I'm not sure who's the person behind it, and I don't know why it's disabled, maybe you can try it and see what happens?
« Last Edit: September 06, 2010, 11:12:36 AM by Kabyl »

toitione

  • Guest
Re: memory map correction
« Reply #3 on: September 07, 2010, 08:25:32 PM »
Indeed, I've already look up the code in biosfn.c and I didn't find any thing related to this. The function rerangeMemoryMap() is only a sort algorithm.

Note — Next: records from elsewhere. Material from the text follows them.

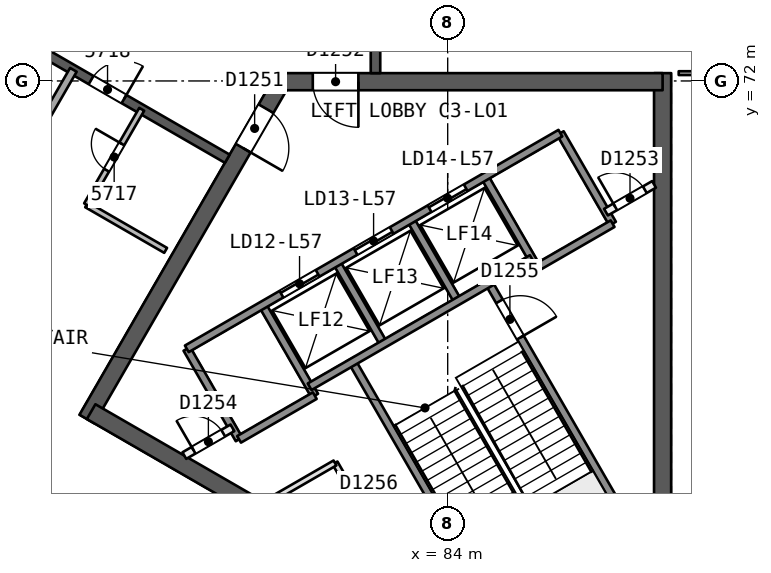
"""IFC4 building model, lengths in metres.
Left out: names, types, materials, properties, quantities, classifications, styles, units other than length and angle.
Written with IfcOpenShell. Run it as: python <this file> out.ifc"""

import sys

from ifc_helpers import new_model, si_unit, direction, frame, frame_2d, origin, place, context, subcontext, project, spatial, rectangle, extrude, element, fill, save


model = new_model("IFC4")
c1 = context("Model", 3, precision=1e-05, world=origin(), true_north=direction((0.0, 1.0)))
c2 = subcontext(c1, "Body", "Model", "MODEL_VIEW")
j1 = project(units=[si_unit("LENGTHUNIT", "METRE"), si_unit("PLANEANGLEUNIT", "RADIAN")], contexts=[c1])
p1 = place(None, origin())
s1 = spatial("IfcSite", under=j1, at=p1, CompositionType="ELEMENT")
p2 = place(p1, origin())
s2 = spatial("IfcBuilding", under=s1, at=p2, CompositionType="ELEMENT")
p3 = place(p2, frame((0.0, 0.0, 231.7)))
s3 = spatial("IfcBuildingStorey", under=s2, at=p3, CompositionType="ELEMENT", Elevation=231.7)
p4 = place(p3, frame((79.63, 71.981, 0.0), z_axis=(0.0, 0.0, 1.0), x_axis=(-0.500002171595, -0.86602415001, 0.0)))
e1 = element("IfcWall", 1, at=p4, inside=s3, PredefinedType="SHEAR", context=c2, shape_type="SweptSolid", body=[
    extrude(rectangle(XDim=10.25, YDim=0.45, at=frame_2d((5.125, 0.0))), origin(), (0.0, 0.0, 1.0), 3.7),
])
p5 = place(p4, frame((0.82, 0.0, 0.0)))
e2 = element("IfcOpeningElement", 2, at=p5, cuts=e1, PredefinedType="OPENING", context=c2, shape_type="SweptSolid", body=[
    extrude(rectangle(XDim=1.2, YDim=2.1, at=frame_2d((0.6, 1.05))), frame((0.0, 0.235, 0.0), z_axis=(0.0, -1.0, 0.0), x_axis=(1.0, 0.0, 0.0)), (0.0, 0.0, 1.0), 0.471),
])
p6 = place(p3, frame((74.617, 63.299, 0.0), z_axis=(0.0, 0.0, 1.0), x_axis=(0.86602594008, -0.499999071108, 0.0)))
e3 = element("IfcWall", 3, at=p6, inside=s3, PredefinedType="SHEAR", context=c2, shape_type="SweptSolid", body=[
    extrude(rectangle(XDim=14.108, YDim=0.45, at=frame_2d((7.054, 0.0))), origin(), (0.0, 0.0, 1.0), 3.7),
])
p7 = place(p3, frame((89.655, 58.002, 0.0), z_axis=(0.0, 0.0, 1.0), x_axis=(0.0, 1.0, 0.0)))
e4 = element("IfcWall", 4, at=p7, inside=s3, PredefinedType="SHEAR", context=c2, shape_type="SweptSolid", body=[
    extrude(rectangle(XDim=14.204, YDim=0.45, at=frame_2d((7.102, 0.0))), origin(), (0.0, 0.0, 1.0), 3.7),
])
p8 = place(p3, frame((89.655, 71.981, 0.0), z_axis=(0.0, 0.0, 1.0), x_axis=(-1.0, 0.0, 0.0)))
e5 = element("IfcWall", 5, at=p8, inside=s3, PredefinedType="SHEAR", context=c2, shape_type="SweptSolid", body=[
    extrude(rectangle(XDim=10.155, YDim=0.45, at=frame_2d((5.078, 0.0))), origin(), (0.0, 0.0, 1.0), 3.7),
])
p9 = place(p8, frame((8.005, 0.0, 0.0)))
e6 = element("IfcOpeningElement", 6, at=p9, cuts=e5, PredefinedType="OPENING", context=c2, shape_type="SweptSolid", body=[
    extrude(rectangle(XDim=1.2, YDim=2.1, at=frame_2d((0.6, 1.05))), frame((0.0, 0.235, 0.0), z_axis=(0.0, -1.0, 0.0), x_axis=(1.0, 0.0, 0.0)), (0.0, 0.0, 1.0), 0.471),
])
p10 = place(p3, frame((82.1, 72.206, 0.0), z_axis=(0.0, 0.0, 1.0), x_axis=(0.0, 1.0, 0.0)))
e7 = element("IfcWall", 7, at=p10, inside=s3, PredefinedType="SHEAR", context=c2, shape_type="SweptSolid", body=[
    extrude(rectangle(XDim=15.588, YDim=0.25, at=frame_2d((7.794, 0.0))), origin(), (0.0, 0.0, 1.0), 3.3),
])
p11 = place(p10, frame((2.15, 0.0, 0.0)))
e8 = element("IfcOpeningElement", 8, at=p11, cuts=e7, PredefinedType="OPENING", context=c2, shape_type="SweptSolid", body=[
    extrude(rectangle(XDim=1.0, YDim=2.1, at=frame_2d((0.5, 1.05))), frame((0.0, 0.135, 0.0), z_axis=(0.0, -1.0, 0.0), x_axis=(1.0, 0.0, 0.0)), (0.0, 0.0, 1.0), 0.271),
])
p12 = place(p10, frame((7.662, 0.0, 0.0)))
e9 = element("IfcOpeningElement", 9, at=p12, cuts=e7, PredefinedType="OPENING", context=c2, shape_type="SweptSolid", body=[
    extrude(rectangle(XDim=1.2, YDim=2.4, at=frame_2d((0.6, 1.2))), frame((0.0, 0.135, 0.0), z_axis=(0.0, -1.0, 0.0), x_axis=(1.0, 0.0, 0.0)), (0.0, 0.0, 1.0), 0.271),
])
p13 = place(p10, frame((11.606, 0.0, 0.0)))
e10 = element("IfcOpeningElement", 10, at=p13, cuts=e7, PredefinedType="OPENING", context=c2, shape_type="SweptSolid", body=[
    extrude(rectangle(XDim=1.0, YDim=2.1, at=frame_2d((0.5, 1.05))), frame((0.0, 0.135, 0.0), z_axis=(0.0, -1.0, 0.0), x_axis=(1.0, 0.0, 0.0)), (0.0, 0.0, 1.0), 0.271),
])
p14 = place(p3, frame((64.7, 77.748, 0.0), z_axis=(0.0, 0.0, 1.0), x_axis=(0.866026492143, -0.499998114903, 0.0)))
e11 = element("IfcWall", 11, at=p14, inside=s3, PredefinedType="SHEAR", context=c2, shape_type="SweptSolid", body=[
    extrude(rectangle(XDim=15.588, YDim=0.25, at=frame_2d((7.794, 0.0))), origin(), (0.0, 0.0, 1.0), 3.3),
])
p15 = place(p14, frame((2.982, 0.0, 0.0)))
e12 = element("IfcOpeningElement", 12, at=p15, cuts=e11, PredefinedType="OPENING", context=c2, shape_type="SweptSolid", body=[
    extrude(rectangle(XDim=1.0, YDim=2.1, at=frame_2d((0.5, 1.05))), frame((0.0, 0.135, 0.0), z_axis=(0.0, -1.0, 0.0), x_axis=(1.0, 0.0, 0.0)), (0.0, 0.0, 1.0), 0.271),
])
p16 = place(p14, frame((8.538, 0.0, 0.0)))
e13 = element("IfcOpeningElement", 13, at=p16, cuts=e11, PredefinedType="OPENING", context=c2, shape_type="SweptSolid", body=[
    extrude(rectangle(XDim=1.1, YDim=2.1, at=frame_2d((0.55, 1.05))), frame((0.0, 0.135, 0.0), z_axis=(0.0, -1.0, 0.0), x_axis=(1.0, 0.0, 0.0)), (0.0, 0.0, 1.0), 0.271),
])
p17 = place(p14, frame((11.45, 0.0, 0.0)))
e14 = element("IfcOpeningElement", 14, at=p17, cuts=e11, PredefinedType="OPENING", context=c2, shape_type="SweptSolid", body=[
    extrude(rectangle(XDim=1.0, YDim=2.1, at=frame_2d((0.5, 1.05))), frame((0.0, 0.135, 0.0), z_axis=(0.0, -1.0, 0.0), x_axis=(1.0, 0.0, 0.0)), (0.0, 0.0, 1.0), 0.271),
])
p18 = place(p3, frame((90.079, 72.206, 0.0), z_axis=(0.0, 0.0, 1.0), x_axis=(1.0, 0.0, 0.0)))
e15 = element("IfcWall", 15, at=p18, inside=s3, PredefinedType="PARTITIONING", context=c2, shape_type="SweptSolid", body=[
    extrude(rectangle(XDim=2.2, YDim=0.1, at=frame_2d((1.1, 0.0))), origin(), (0.0, 0.0, 1.0), 3.3),
])
p19 = place(p18, frame((0.65, 0.0, 0.0)))
e16 = element("IfcOpeningElement", 16, at=p19, cuts=e15, PredefinedType="OPENING", context=c2, shape_type="SweptSolid", body=[
    extrude(rectangle(XDim=0.9, YDim=2.1, at=frame_2d((0.45, 1.05))), frame((0.0, 0.061, 0.0), z_axis=(0.0, -1.0, 0.0), x_axis=(1.0, 0.0, 0.0)), (0.0, 0.0, 1.0), 0.121),
])
p20 = place(p3, frame((69.061, 63.477, 0.0), z_axis=(0.0, 0.0, 1.0), x_axis=(0.499993053251, 0.866029414455, 0.0)))
e17 = element("IfcWall", 17, at=p20, inside=s3, PredefinedType="PARTITIONING", context=c2, shape_type="SweptSolid", body=[
    extrude(rectangle(XDim=10.179, YDim=0.2, at=frame_2d((5.089, 0.0))), origin(), (0.0, 0.0, 1.0), 3.3),
])
p21 = place(p3, frame((76.578, 67.542, 0.0), z_axis=(0.0, 0.0, 1.0), x_axis=(-0.866038271014, 0.499977712642, 0.0)))
e18 = element("IfcWall", 18, at=p21, inside=s3, PredefinedType="PARTITIONING", context=c2, shape_type="SweptSolid", body=[
    extrude(rectangle(XDim=2.401, YDim=0.15, at=frame_2d((1.2, 0.0))), origin(), (0.0, 0.0, 1.0), 3.3),
])
p22 = place(p3, frame((74.498, 68.743, 0.0), z_axis=(0.0, 0.0, 1.0), x_axis=(0.499987231761, 0.866032775405, 0.0)))
e19 = element("IfcWall", 19, at=p22, inside=s3, PredefinedType="PARTITIONING", context=c2, shape_type="SweptSolid", body=[
    extrude(rectangle(XDim=2.9, YDim=0.15, at=frame_2d((1.45, 0.0))), origin(), (0.0, 0.0, 1.0), 3.3),
])
p23 = place(p22, frame((1.05, 0.0, 0.0)))
e20 = element("IfcOpeningElement", 20, at=p23, cuts=e19, PredefinedType="OPENING", context=c2, shape_type="SweptSolid", body=[
    extrude(rectangle(XDim=0.8, YDim=2.1, at=frame_2d((0.4, 1.05))), frame((0.0, 0.085, 0.0), z_axis=(0.0, -1.0, 0.0), x_axis=(1.0, 0.0, 0.0)), (0.0, 0.0, 1.0), 0.171),
])
p24 = place(p3, frame((87.988, 52.377, 0.0), z_axis=(0.0, 0.0, 1.0), x_axis=(-0.866023992326, 0.500002444709, 0.0)))
e21 = element("IfcWall", 21, at=p24, inside=s3, PredefinedType="SOLIDWALL", context=c2, shape_type="SweptSolid", body=[
    extrude(rectangle(XDim=50.118, YDim=0.3, at=frame_2d((25.059, 0.0))), origin(), (0.0, 0.0, 1.0), 3.3),
])
p25 = place(p24, frame((24.015, 0.0, 0.0)))
e22 = element("IfcOpeningElement", 22, at=p25, cuts=e21, PredefinedType="OPENING", context=c2, shape_type="SweptSolid", body=[
    extrude(rectangle(XDim=2.4, YDim=2.4, at=frame_2d((1.2, 1.2))), frame((0.0, 0.161, 0.0), z_axis=(0.0, -1.0, 0.0), x_axis=(1.0, 0.0, 0.0)), (0.0, 0.0, 1.0), 0.321),
])
p26 = place(p24, frame((38.146, 0.0, 0.0)))
e23 = element("IfcOpeningElement", 23, at=p26, cuts=e21, PredefinedType="OPENING", context=c2, shape_type="SweptSolid", body=[
    extrude(rectangle(XDim=2.4, YDim=2.4, at=frame_2d((1.2, 1.2))), frame((0.0, 0.161, 0.0), z_axis=(0.0, -1.0, 0.0), x_axis=(1.0, 0.0, 0.0)), (0.0, 0.0, 1.0), 0.321),
])
p27 = place(p24, frame((9.727, 0.0, 0.0)))
e24 = element("IfcOpeningElement", 24, at=p27, cuts=e21, PredefinedType="OPENING", context=c2, shape_type="SweptSolid", body=[
    extrude(rectangle(XDim=2.4, YDim=2.4, at=frame_2d((1.2, 1.2))), frame((0.0, 0.161, 0.0), z_axis=(0.0, -1.0, 0.0), x_axis=(1.0, 0.0, 0.0)), (0.0, 0.0, 1.0), 0.321),
])
p28 = place(p3, frame((77.135, 64.952, 0.0), z_axis=(0.0, 0.0, 1.0), x_axis=(0.499996545922, -0.866027397988, 0.0)))
e25 = element("IfcWall", 25, at=p28, inside=s3, PredefinedType="SOLIDWALL", context=c2, shape_type="SweptSolid", body=[
    extrude(rectangle(XDim=2.75, YDim=0.2, at=frame_2d((1.375, 0.0))), origin(), (0.0, 0.0, 1.0), 3.3),
])
p29 = place(p3, frame((81.034, 61.949, 0.0), z_axis=(0.0, 0.0, 1.0), x_axis=(0.499945732631, -0.866056732798, 0.0)))
e26 = element("IfcWall", 26, at=p29, inside=s3, PredefinedType="PARTITIONING", context=c2, shape_type="SweptSolid", body=[
    extrude(rectangle(XDim=3.628, YDim=0.15, at=frame_2d((1.814, 0.0))), origin(), (0.0, 0.0, 1.0), 3.3),
])
p30 = place(p29, frame((1.337, 0.0, 0.0)))
e27 = element("IfcOpeningElement", 27, at=p30, cuts=e26, PredefinedType="OPENING", context=c2, shape_type="SweptSolid", body=[
    extrude(rectangle(XDim=0.9, YDim=2.1, at=frame_2d((0.45, 1.05))), frame((0.0, 0.085, 0.0), z_axis=(0.0, -1.0, 0.0), x_axis=(1.0, 0.0, 0.0)), (0.0, 0.0, 1.0), 0.171),
])
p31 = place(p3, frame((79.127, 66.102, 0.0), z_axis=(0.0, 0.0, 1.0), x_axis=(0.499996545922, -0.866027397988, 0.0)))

For the linux reference, you can look here : http://kerneltrap.org/mailarchive/linux-kernel/2008/11/12/4121014

Kabyl

  • VoodooLabs
  • Posts: 158
Re: memory map correction
« Reply #4 on: September 07, 2010, 11:25:22 PM »
Indeed, I've already look up the code in biosfn.c and I didn't find any thing related to this. The function rerangeMemoryMap() is only a sort algorithm.

For the linux reference, you can look here : http://kerneltrap.org/mailarchive/linux-kernel/2008/11/12/4121014

What olegischinski needs is sorting and clearing overlaps, and that's what this function does, at least that's what he did in his linked post.

So it seems we need to handle this first 64Ko memory issue too, in your case.

olegischinski

  • Entrant
  • Posts: 2
Re: memory map correction
« Reply #5 on: November 08, 2010, 12:40:36 PM »
hi kabyl,

wasn't here for a long time - sorry.

As I noticed meanwhile there is some code in the last trunk of chameleon (in the part you have referenced). I enabled it, compiled and it clears the overlap of memory. Many thanks to the one who wrote this!
I can't decide, if it should enabled generally, but hope it will stay in for future releases.